It had been an afternoon of low cloud and relentless rain. That day I had sat with my elbows on the windowsill, gazing wall-eyed at the rain, in a stupidity of doubt, until Father called me, and at length we ate in the dining room. The meal was sombre but for the cutlery’s chime and clatter. When I returned to my room I looked out of the window and found the world transformed! The sun had emerged, the wind had fallen to a soft breeze, which stirred the branches of the ebony tree. I climbed out through my bedroom window into the still-damp sun-bright garden, impossibly happy.
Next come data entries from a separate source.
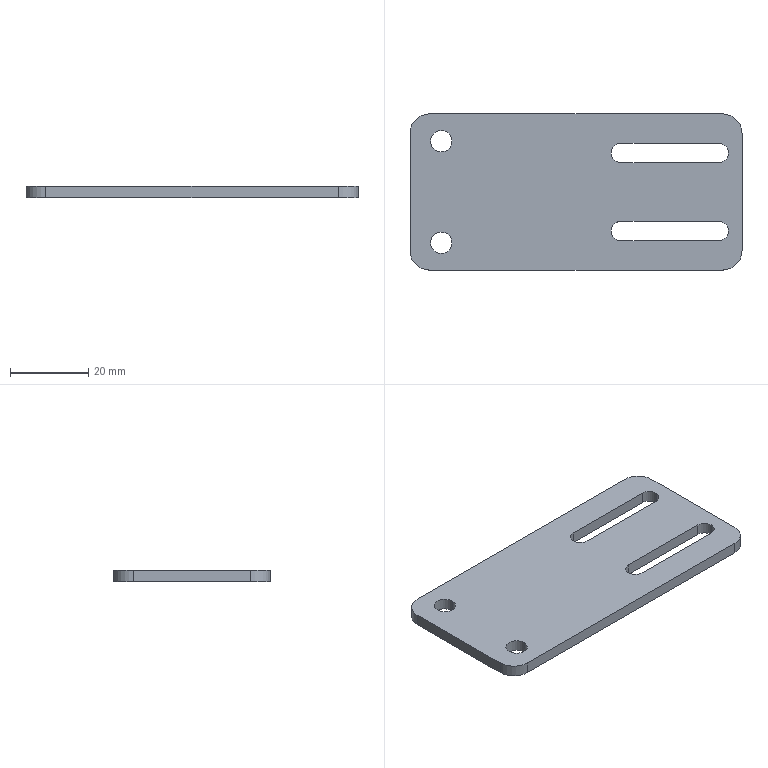Component | SolidWorks | DC-024-43-1 | 1 solid | 24 faces | box 85 x 40 x 3 mm | volume 9125 mm3 | cylinder 14 | plane 10 | commonest cylinder face diameters 5 x6 5.5 x4 10 x4
build123d program:
from build123d import *

# Parameters (mm, degrees)
SKETCH1_W                  = 85
SKETCH1_H                  = 40
BOSS_EXTRUDE1_DEPTH        = 1.5
FILLET1_R                  = 5
F_5_5_5_5_DIAMETER_HOLE1_D = 5.5
CUT_EXTRUDE1_DEPTH         = 20


with BuildPart() as part:
    # Sketch1 → Boss-Extrude1 (new, symmetric)
    with BuildSketch(Plane.XY):
        Rectangle(SKETCH1_W, SKETCH1_H)
    extrude(amount=BOSS_EXTRUDE1_DEPTH, both=True)

    # Fillet1
    fillet1_edges = [part.edges().sort_by_distance(p)[0] for p in [
        (-42.5, 20, 0),
        (42.5, 20, 0),
        (42.5, -20, 0),
        (-42.5, -20, 0),
    ]]
    fillet(fillet1_edges, radius=FILLET1_R)

    # 5.5 _5.5_ Diameter Hole1 (through all)
    with Locations(Plane.XY.offset(1.5)):
        with Locations((-34.5, 13), (-34.5, -13)):
            Hole(F_5_5_5_5_DIAMETER_HOLE1_D / 2)

    # Sketch4 → Cut-Extrude1 (cut)
    with BuildSketch(Plane.XY.offset(1.5)):
        with BuildLine():
            Line((11.5, 12.5), (36.5, 12.5))
            ThreePointArc((36.5, 12.5), (39, 10), (36.5, 7.5))
            Line((36.5, 7.5), (11.5, 7.5))
            ThreePointArc((11.5, 7.5), (9, 10), (11.5, 12.5))
        make_face()
        with BuildLine():
            Line((11.5, -12.5), (36.5, -12.5))
            ThreePointArc((36.5, -12.5), (39, -10), (36.5, -7.5))
            Line((36.5, -7.5), (11.5, -7.5))
            ThreePointArc((11.5, -7.5), (9, -10), (11.5, -12.5))
        make_face()
    extrude(amount=-CUT_EXTRUDE1_DEPTH, mode=Mode.SUBTRACT)


solid = part.part

# Placed as in the assembly
solid = solid.moved(Location((138.867, 171.909, 14.5), (0, 0, 0)))
STEP:
#1=COLOUR_RGB('',0.7922,0.8196,0.9333);
#2=FILL_AREA_STYLE_COLOUR('',#1);
#3=FILL_AREA_STYLE('',(#2));
#4=SURFACE_STYLE_FILL_AREA(#3);
#5=SURFACE_SIDE_STYLE('',(#4));
#6=SURFACE_STYLE_USAGE(.BOTH.,#5);
#7=PRESENTATION_STYLE_ASSIGNMENT((#6));
#8=CARTESIAN_POINT('',(7.003,7.162,0.5118));
#9=VERTEX_POINT('',#8);
#10=CARTESIAN_POINT('',(6.904,7.26,0.5118));
#11=VERTEX_POINT('',#10);
#12=CARTESIAN_POINT('',(6.904,7.162,0.5118));
#13=DIRECTION('',(0.,0.,1.));
#14=DIRECTION('',(1.,0.,0.));
#15=AXIS2_PLACEMENT_3D('',#12,#13,#14);
#16=CIRCLE('',#15,0.09843);
#17=EDGE_CURVE('',#9,#11,#16,.T.);
#18=ORIENTED_EDGE('',*,*,#17,.F.);
#19=CARTESIAN_POINT('',(7.003,7.162,0.6299));
#20=VERTEX_POINT('',#19);
#21=CARTESIAN_POINT('',(7.003,7.162,-0.1575));
#22=DIRECTION('',(0.,0.,1.));
#23=VECTOR('',#22,39.37);
#24=LINE('',#21,#23);
#25=EDGE_CURVE('',#9,#20,#24,.T.);
#26=ORIENTED_EDGE('',*,*,#25,.T.);
#27=CARTESIAN_POINT('',(6.904,7.26,0.6299));
#28=VERTEX_POINT('',#27);
#29=CARTESIAN_POINT('',(6.904,7.162,0.6299));
#30=DIRECTION('',(0.,0.,1.));
#31=DIRECTION('',(1.,0.,0.));
#32=AXIS2_PLACEMENT_3D('',#29,#30,#31);
#33=CIRCLE('',#32,0.09843);
#34=EDGE_CURVE('',#20,#28,#33,.T.);
#35=ORIENTED_EDGE('',*,*,#34,.T.);
#36=CARTESIAN_POINT('',(6.904,7.26,-0.1575));
#37=DIRECTION('',(0.,0.,1.));
#38=VECTOR('',#37,39.37);
#39=LINE('',#36,#38);
#40=EDGE_CURVE('',#11,#28,#39,.T.);
#41=ORIENTED_EDGE('',*,*,#40,.F.);
#42=EDGE_LOOP('',(#18,#26,#35,#41));
#43=FACE_OUTER_BOUND('',#42,.T.);
#44=CARTESIAN_POINT('',(6.904,7.162,-0.1575));
#45=DIRECTION('',(0.,0.,1.));
#46=DIRECTION('',(1.,0.,0.));
#47=AXIS2_PLACEMENT_3D('',#44,#45,#46);
#48=CYLINDRICAL_SURFACE('',#47,0.09843);
#49=ADVANCED_FACE('',(#43),#48,.F.);
#50=CARTESIAN_POINT('',(7.003,6.374,0.5118));
#51=VERTEX_POINT('',#50);
#52=CARTESIAN_POINT('',(6.904,6.473,0.5118));
#53=VERTEX_POINT('',#52);
#54=CARTESIAN_POINT('',(6.904,6.374,0.5118));
#55=DIRECTION('',(0.,0.,1.));
#56=DIRECTION('',(1.,0.,0.));
#57=AXIS2_PLACEMENT_3D('',#54,#55,#56);
#58=CIRCLE('',#57,0.09843);
#59=EDGE_CURVE('',#51,#53,#58,.T.);
#60=ORIENTED_EDGE('',*,*,#59,.F.);
#61=CARTESIAN_POINT('',(7.003,6.374,0.6299));
#62=VERTEX_POINT('',#61);
#63=CARTESIAN_POINT('',(7.003,6.374,-0.1575));
#64=DIRECTION('',(0.,0.,1.));
#65=VECTOR('',#64,39.37);
#66=LINE('',#63,#65);
#67=EDGE_CURVE('',#51,#62,#66,.T.);
#68=ORIENTED_EDGE('',*,*,#67,.T.);
#69=CARTESIAN_POINT('',(6.904,6.473,0.6299));
#70=VERTEX_POINT('',#69);
#71=CARTESIAN_POINT('',(6.904,6.374,0.6299));
#72=DIRECTION('',(0.,0.,1.));
#73=DIRECTION('',(-1.,0.,0.));
#74=AXIS2_PLACEMENT_3D('',#71,#72,#73);
#75=CIRCLE('',#74,0.09843);
#76=EDGE_CURVE('',#62,#70,#75,.T.);
#77=ORIENTED_EDGE('',*,*,#76,.T.);
#78=CARTESIAN_POINT('',(6.904,6.473,-0.1575));
#79=DIRECTION('',(0.,0.,1.));
#80=VECTOR('',#79,39.37);
#81=LINE('',#78,#80);
#82=EDGE_CURVE('',#53,#70,#81,.T.);
#83=ORIENTED_EDGE('',*,*,#82,.F.);
#84=EDGE_LOOP('',(#60,#68,#77,#83));
#85=FACE_OUTER_BOUND('',#84,.T.);
#86=CARTESIAN_POINT('',(6.904,6.374,-0.1575));
#87=DIRECTION('',(0.,0.,1.));
#88=DIRECTION('',(1.,0.,0.));
#89=AXIS2_PLACEMENT_3D('',#86,#87,#88);
#90=CYLINDRICAL_SURFACE('',#89,0.09843);
#91=ADVANCED_FACE('',(#85),#90,.F.);
#92=CARTESIAN_POINT('',(4.001,7.28,0.5118));
#93=VERTEX_POINT('',#92);
#94=CARTESIAN_POINT('',(4.217,7.28,0.5118));
#95=VERTEX_POINT('',#94);
#96=CARTESIAN_POINT('',(4.109,7.28,0.5118));
#97=DIRECTION('',(0.,0.,1.));
#98=DIRECTION('',(1.,0.,0.));
#99=AXIS2_PLACEMENT_3D('',#96,#97,#98);
#100=CIRCLE('',#99,0.1083);
#101=EDGE_CURVE('',#93,#95,#100,.T.);
#102=ORIENTED_EDGE('',*,*,#101,.F.);
#103=CARTESIAN_POINT('',(4.001,7.28,0.6299));
#104=VERTEX_POINT('',#103);
#105=CARTESIAN_POINT('',(4.001,7.28,0.6299));
#106=DIRECTION('',(0.,0.,1.));
#107=VECTOR('',#106,39.37);
#108=LINE('',#105,#107);
#109=EDGE_CURVE('',#93,#104,#108,.T.);
#110=ORIENTED_EDGE('',*,*,#109,.T.);
#111=CARTESIAN_POINT('',(4.217,7.28,0.6299));
#112=VERTEX_POINT('',#111);
#113=CARTESIAN_POINT('',(4.109,7.28,0.6299));
#114=DIRECTION('',(0.,0.,1.));
#115=DIRECTION('',(1.,0.,0.));
#116=AXIS2_PLACEMENT_3D('',#113,#114,#115);
#117=CIRCLE('',#116,0.1083);
#118=EDGE_CURVE('',#104,#112,#117,.T.);
#119=ORIENTED_EDGE('',*,*,#118,.T.);
#120=CARTESIAN_POINT('',(4.217,7.28,0.6299));
#121=DIRECTION('',(0.,0.,1.));
#122=VECTOR('',#121,39.37);
#123=LINE('',#120,#122);
#124=EDGE_CURVE('',#95,#112,#123,.T.);
#125=ORIENTED_EDGE('',*,*,#124,.F.);
#126=EDGE_LOOP('',(#102,#110,#119,#125));
#127=FACE_OUTER_BOUND('',#126,.T.);
#128=CARTESIAN_POINT('',(4.109,7.28,0.6299));
#129=DIRECTION('',(0.,0.,1.));
#130=DIRECTION('',(1.,0.,0.));
#131=AXIS2_PLACEMENT_3D('',#128,#129,#130);
#132=CYLINDRICAL_SURFACE('',#131,0.1083);
#133=ADVANCED_FACE('',(#127),#132,.F.);
#134=CARTESIAN_POINT('',(4.001,6.256,0.5118));
#135=VERTEX_POINT('',#134);
#136=CARTESIAN_POINT('',(4.217,6.256,0.5118));
#137=VERTEX_POINT('',#136);
#138=CARTESIAN_POINT('',(4.109,6.256,0.5118));
#139=DIRECTION('',(0.,0.,1.));
#140=DIRECTION('',(1.,0.,0.));
#141=AXIS2_PLACEMENT_3D('',#138,#139,#140);
#142=CIRCLE('',#141,0.1083);
#143=EDGE_CURVE('',#135,#137,#142,.T.);
#144=ORIENTED_EDGE('',*,*,#143,.F.);
#145=CARTESIAN_POINT('',(4.001,6.256,0.6299));
#146=VERTEX_POINT('',#145);
#147=CARTESIAN_POINT('',(4.001,6.256,0.6299));
#148=DIRECTION('',(0.,0.,1.));
#149=VECTOR('',#148,39.37);
#150=LINE('',#147,#149);
#151=EDGE_CURVE('',#135,#146,#150,.T.);
#152=ORIENTED_EDGE('',*,*,#151,.T.);
#153=CARTESIAN_POINT('',(4.217,6.256,0.6299));
#154=VERTEX_POINT('',#153);
#155=CARTESIAN_POINT('',(4.109,6.256,0.6299));
#156=DIRECTION('',(0.,0.,1.));
#157=DIRECTION('',(1.,0.,0.));
#158=AXIS2_PLACEMENT_3D('',#155,#156,#157);
#159=CIRCLE('',#158,0.1083);
#160=EDGE_CURVE('',#146,#154,#159,.T.);
#161=ORIENTED_EDGE('',*,*,#160,.T.);
#162=CARTESIAN_POINT('',(4.217,6.256,0.6299));
#163=DIRECTION('',(0.,0.,1.));
#164=VECTOR('',#163,39.37);
#165=LINE('',#162,#164);
#166=EDGE_CURVE('',#137,#154,#165,.T.);
#167=ORIENTED_EDGE('',*,*,#166,.F.);
#168=EDGE_LOOP('',(#144,#152,#161,#167));
#169=FACE_OUTER_BOUND('',#168,.T.);
#170=CARTESIAN_POINT('',(4.109,6.256,0.6299));
#171=DIRECTION('',(0.,0.,1.));
#172=DIRECTION('',(1.,0.,0.));
#173=AXIS2_PLACEMENT_3D('',#170,#171,#172);
#174=CYLINDRICAL_SURFACE('',#173,0.1083);
#175=ADVANCED_FACE('',(#169),#174,.F.);
#176=CARTESIAN_POINT('',(3.794,7.359,0.5118));
#177=VERTEX_POINT('',#176);
#178=CARTESIAN_POINT('',(3.794,6.178,0.5118));
#179=VERTEX_POINT('',#178);
#180=CARTESIAN_POINT('',(3.794,5.981,0.5118));
#181=DIRECTION('',(0.,-1.,0.));
#182=VECTOR('',#181,39.37);
#183=LINE('',#180,#182);
#184=EDGE_CURVE('',#177,#179,#183,.T.);
#185=ORIENTED_EDGE('',*,*,#184,.T.);
#186=CARTESIAN_POINT('',(3.794,6.178,0.6299));
#187=VERTEX_POINT('',#186);
#188=CARTESIAN_POINT('',(3.794,6.178,0.6299));
#189=DIRECTION('',(0.,0.,1.));
#190=VECTOR('',#189,39.37);
#191=LINE('',#188,#190);
#192=EDGE_CURVE('',#179,#187,#191,.T.);
#193=ORIENTED_EDGE('',*,*,#192,.T.);
#194=CARTESIAN_POINT('',(3.794,7.359,0.6299));
#195=VERTEX_POINT('',#194);
#196=CARTESIAN_POINT('',(3.794,5.981,0.6299));
#197=DIRECTION('',(0.,-1.,0.));
#198=VECTOR('',#197,39.37);
#199=LINE('',#196,#198);
#200=EDGE_CURVE('',#195,#187,#199,.T.);
#201=ORIENTED_EDGE('',*,*,#200,.F.);
#202=CARTESIAN_POINT('',(3.794,7.359,0.6299));
#203=DIRECTION('',(0.,0.,-1.));
#204=VECTOR('',#203,39.37);
#205=LINE('',#202,#204);
#206=EDGE_CURVE('',#195,#177,#205,.T.);
#207=ORIENTED_EDGE('',*,*,#206,.T.);
#208=EDGE_LOOP('',(#185,#193,#201,#207));
#209=FACE_OUTER_BOUND('',#208,.T.);
#210=CARTESIAN_POINT('',(3.794,5.981,0.6299));
#211=DIRECTION('',(1.,0.,0.));
#212=DIRECTION('',(0.,0.,-1.));
#213=AXIS2_PLACEMENT_3D('',#210,#211,#212);
#214=PLANE('',#213);
#215=ADVANCED_FACE('',(#209),#214,.F.);
#216=CARTESIAN_POINT('',(3.991,5.981,0.5118));
#217=VERTEX_POINT('',#216);
#218=CARTESIAN_POINT('',(6.944,5.981,0.5118));
#219=VERTEX_POINT('',#218);
#220=CARTESIAN_POINT('',(7.14,5.981,0.5118));
#221=DIRECTION('',(1.,0.,0.));
#222=VECTOR('',#221,39.37);
#223=LINE('',#220,#222);
#224=EDGE_CURVE('',#217,#219,#223,.T.);
#225=ORIENTED_EDGE('',*,*,#224,.T.);
#226=CARTESIAN_POINT('',(6.944,5.981,0.6299));
#227=VERTEX_POINT('',#226);
#228=CARTESIAN_POINT('',(6.944,5.981,0.6299));
#229=DIRECTION('',(0.,0.,1.));
#230=VECTOR('',#229,39.37);
#231=LINE('',#228,#230);
#232=EDGE_CURVE('',#219,#227,#231,.T.);
#233=ORIENTED_EDGE('',*,*,#232,.T.);
#234=CARTESIAN_POINT('',(3.991,5.981,0.6299));
#235=VERTEX_POINT('',#234);
#236=CARTESIAN_POINT('',(7.14,5.981,0.6299));
#237=DIRECTION('',(1.,0.,0.));
#238=VECTOR('',#237,39.37);
#239=LINE('',#236,#238);
#240=EDGE_CURVE('',#235,#227,#239,.T.);
#241=ORIENTED_EDGE('',*,*,#240,.F.);
#242=CARTESIAN_POINT('',(3.991,5.981,0.6299));
#243=DIRECTION('',(0.,0.,-1.));
#244=VECTOR('',#243,39.37);
#245=LINE('',#242,#244);
#246=EDGE_CURVE('',#235,#217,#245,.T.);
#247=ORIENTED_EDGE('',*,*,#246,.T.);
#248=EDGE_LOOP('',(#225,#233,#241,#247));
#249=FACE_OUTER_BOUND('',#248,.T.);
#250=CARTESIAN_POINT('',(7.14,5.981,0.6299));
#251=DIRECTION('',(0.,1.,0.));
#252=DIRECTION('',(0.,0.,1.));
#253=AXIS2_PLACEMENT_3D('',#250,#251,#252);
#254=PLANE('',#253);
#255=ADVANCED_FACE('',(#249),#254,.F.);
#256=CARTESIAN_POINT('',(7.14,6.178,0.5118));
#257=VERTEX_POINT('',#256);
#258=CARTESIAN_POINT('',(7.14,7.359,0.5118));
#259=VERTEX_POINT('',#258);
#260=CARTESIAN_POINT('',(7.14,5.981,0.5118));
#261=DIRECTION('',(0.,1.,0.));
#262=VECTOR('',#261,39.37);
#263=LINE('',#260,#262);
#264=EDGE_CURVE('',#257,#259,#263,.T.);
#265=ORIENTED_EDGE('',*,*,#264,.T.);
#266=CARTESIAN_POINT('',(7.14,7.359,0.6299));
#267=VERTEX_POINT('',#266);
#268=CARTESIAN_POINT('',(7.14,7.359,0.6299));
#269=DIRECTION('',(0.,0.,1.));
#270=VECTOR('',#269,39.37);
#271=LINE('',#268,#270);
#272=EDGE_CURVE('',#259,#267,#271,.T.);
#273=ORIENTED_EDGE('',*,*,#272,.T.);
#274=CARTESIAN_POINT('',(7.14,6.178,0.6299));
#275=VERTEX_POINT('',#274);
#276=CARTESIAN_POINT('',(7.14,5.981,0.6299));
#277=DIRECTION('',(0.,1.,0.));
#278=VECTOR('',#277,39.37);
#279=LINE('',#276,#278);
#280=EDGE_CURVE('',#275,#267,#279,.T.);
#281=ORIENTED_EDGE('',*,*,#280,.F.);
#282=CARTESIAN_POINT('',(7.14,6.178,0.6299));
#283=DIRECTION('',(0.,0.,-1.));
#284=VECTOR('',#283,39.37);
#285=LINE('',#282,#284);
#286=EDGE_CURVE('',#275,#257,#285,.T.);
#287=ORIENTED_EDGE('',*,*,#286,.T.);
#288=EDGE_LOOP('',(#265,#273,#281,#287));
#289=FACE_OUTER_BOUND('',#288,.T.);
#290=CARTESIAN_POINT('',(7.14,5.981,0.6299));
#291=DIRECTION('',(-1.,0.,0.));
#292=DIRECTION('',(0.,0.,1.));
#293=AXIS2_PLACEMENT_3D('',#290,#291,#292);
#294=PLANE('',#293);
#295=ADVANCED_FACE('',(#289),#294,.F.);
#296=CARTESIAN_POINT('',(6.944,7.555,0.6299));
#297=VERTEX_POINT('',#296);
#298=CARTESIAN_POINT('',(3.991,7.555,0.6299));
#299=VERTEX_POINT('',#298);
#300=CARTESIAN_POINT('',(7.14,7.555,0.6299));
#301=DIRECTION('',(-1.,0.,0.));
#302=VECTOR('',#301,39.37);
#303=LINE('',#300,#302);
#304=EDGE_CURVE('',#297,#299,#303,.T.);
#305=ORIENTED_EDGE('',*,*,#304,.F.);
#306=CARTESIAN_POINT('',(6.944,7.555,0.5118));
#307=VERTEX_POINT('',#306);
#308=CARTESIAN_POINT('',(6.944,7.555,0.6299));
#309=DIRECTION('',(0.,0.,-1.));
#310=VECTOR('',#309,39.37);
#311=LINE('',#308,#310);
#312=EDGE_CURVE('',#297,#307,#311,.T.);
#313=ORIENTED_EDGE('',*,*,#312,.T.);
#314=CARTESIAN_POINT('',(3.991,7.555,0.5118));
#315=VERTEX_POINT('',#314);
#316=CARTESIAN_POINT('',(7.14,7.555,0.5118));
#317=DIRECTION('',(-1.,0.,0.));
#318=VECTOR('',#317,39.37);
#319=LINE('',#316,#318);
#320=EDGE_CURVE('',#307,#315,#319,.T.);
#321=ORIENTED_EDGE('',*,*,#320,.T.);
#322=CARTESIAN_POINT('',(3.991,7.555,0.6299));
#323=DIRECTION('',(0.,0.,1.));
#324=VECTOR('',#323,39.37);
#325=LINE('',#322,#324);
#326=EDGE_CURVE('',#315,#299,#325,.T.);
#327=ORIENTED_EDGE('',*,*,#326,.T.);
#328=EDGE_LOOP('',(#305,#313,#321,#327));
#329=FACE_OUTER_BOUND('',#328,.T.);
#330=CARTESIAN_POINT('',(7.14,7.555,0.6299));
#331=DIRECTION('',(0.,-1.,0.));
#332=DIRECTION('',(0.,0.,-1.));
#333=AXIS2_PLACEMENT_3D('',#330,#331,#332);
#334=PLANE('',#333);
#335=ADVANCED_FACE('',(#329),#334,.F.);
#336=CARTESIAN_POINT('',(5.92,7.26,0.6299));
#337=VERTEX_POINT('',#336);
#338=CARTESIAN_POINT('',(5.92,7.063,0.6299));
#339=VERTEX_POINT('',#338);
#340=CARTESIAN_POINT('',(5.92,7.162,0.6299));
#341=DIRECTION('',(0.,0.,1.));
#342=DIRECTION('',(1.,0.,0.));
#343=AXIS2_PLACEMENT_3D('',#340,#341,#342);
#344=CIRCLE('',#343,0.09843);
#345=EDGE_CURVE('',#337,#339,#344,.T.);
#346=ORIENTED_EDGE('',*,*,#345,.F.);
#347=CARTESIAN_POINT('',(5.92,7.26,0.6299));
#348=DIRECTION('',(-1.,-0.,0.));
#349=VECTOR('',#348,39.37);
#350=LINE('',#347,#349);
#351=EDGE_CURVE('',#28,#337,#350,.T.);
#352=ORIENTED_EDGE('',*,*,#351,.F.);
#353=ORIENTED_EDGE('',*,*,#34,.F.);
#354=CARTESIAN_POINT('',(6.904,7.063,0.6299));
#355=VERTEX_POINT('',#354);
#356=CARTESIAN_POINT('',(6.904,7.162,0.6299));
#357=DIRECTION('',(0.,0.,1.));
#358=DIRECTION('',(1.,0.,0.));
#359=AXIS2_PLACEMENT_3D('',#356,#357,#358);
#360=CIRCLE('',#359,0.09843);
#361=EDGE_CURVE('',#355,#20,#360,.T.);
#362=ORIENTED_EDGE('',*,*,#361,.F.);
#363=CARTESIAN_POINT('',(5.92,7.063,0.6299));
#364=DIRECTION('',(1.,-0.,0.));
#365=VECTOR('',#364,39.37);
#366=LINE('',#363,#365);
#367=EDGE_CURVE('',#339,#355,#366,.T.);
#368=ORIENTED_EDGE('',*,*,#367,.F.);
#369=EDGE_LOOP('',(#346,#352,#353,#362,#368));
#370=FACE_BOUND('',#369,.T.);
#371=CARTESIAN_POINT('',(5.92,6.473,0.6299));
#372=VERTEX_POINT('',#371);
#373=CARTESIAN_POINT('',(5.92,6.276,0.6299));
#374=VERTEX_POINT('',#373);
#375=CARTESIAN_POINT('',(5.92,6.374,0.6299));
#376=DIRECTION('',(0.,0.,1.));
#377=DIRECTION('',(-1.,0.,0.));
#378=AXIS2_PLACEMENT_3D('',#375,#376,#377);
#379=CIRCLE('',#378,0.09843);
#380=EDGE_CURVE('',#372,#374,#379,.T.);
#381=ORIENTED_EDGE('',*,*,#380,.F.);
#382=CARTESIAN_POINT('',(5.92,6.473,0.6299));
#383=DIRECTION('',(-1.,-0.,0.));
#384=VECTOR('',#383,39.37);
#385=LINE('',#382,#384);
#386=EDGE_CURVE('',#70,#372,#385,.T.);
#387=ORIENTED_EDGE('',*,*,#386,.F.);
#388=ORIENTED_EDGE('',*,*,#76,.F.);
#389=CARTESIAN_POINT('',(6.904,6.276,0.6299));
#390=VERTEX_POINT('',#389);
#391=CARTESIAN_POINT('',(6.904,6.374,0.6299));
#392=DIRECTION('',(0.,0.,1.));
#393=DIRECTION('',(-1.,0.,0.));
#394=AXIS2_PLACEMENT_3D('',#391,#392,#393);
#395=CIRCLE('',#394,0.09843);
#396=EDGE_CURVE('',#390,#62,#395,.T.);
#397=ORIENTED_EDGE('',*,*,#396,.F.);
#398=CARTESIAN_POINT('',(5.92,6.276,0.6299));
#399=DIRECTION('',(1.,-0.,0.));
#400=VECTOR('',#399,39.37);
#401=LINE('',#398,#400);
#402=EDGE_CURVE('',#374,#390,#401,.T.);
#403=ORIENTED_EDGE('',*,*,#402,.F.);
#404=EDGE_LOOP('',(#381,#387,#388,#397,#403));
#405=FACE_BOUND('',#404,.T.);
#406=CARTESIAN_POINT('',(4.109,7.28,0.6299));
#407=DIRECTION('',(0.,0.,1.));
#408=DIRECTION('',(1.,0.,0.));
#409=AXIS2_PLACEMENT_3D('',#406,#407,#408);
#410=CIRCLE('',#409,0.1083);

I ran through grass, under the tree and around the kitchen compound to the lakeshore.
Taiwo was floating face-down in the water.
Came the great market days. The rains had flooded the town, filled the streets, overwhelmed our garden — but now grasses, tubers and flowers were everywhere springing up. Birds appeared, and the air vibrated with their wing beats. To think that only a week previously we had been besieged by that empty damp season, and in semi-darkness the world had shrunk to enclose us. But now, through cloudless skies, the sun shone brightly. A hot dry summer-season with far views across the lagoon. The lawn quickly became parched. The foundations of a swallow’s nest appeared below the eaves. High-spirited in the new atmosphere, we rolled up our sleeves, and listened to the swallows, who rained down on us a living symphony, then took off, shrilling, to return with moss, twigs and rags.
It was during this season that I became acquainted for the first time with the market. Already a week had passed since Taiwo’s death. Father had asked Iffe to take care of me until he found a new nursemaid (in fact he never found one). So here we were, Iffe, Ade and I, beneath the low sky, passing through the front garden on our way to Jankara market. We walked on the sandy road, by dew-damp lawns. Elephant grass waved its stalks far above my head. The shopkeeper Riley greeted us — ‘Good morning!’ — and the watchmen at the gate of the Honeymans’ did the same — ‘E ku aro!’ Beside us a cockerel was stirring up dust. He stopped, swelled his neck and summoned up a cry; the little thong-like tongue thrashed in the violent beak, and from deep in his throat he wished me well. We reached the street where buses ran amid clouds of dust. The yellow bus rounded a corner and, shuddering, pulled to a stop. We boarded, and the sky arched higher.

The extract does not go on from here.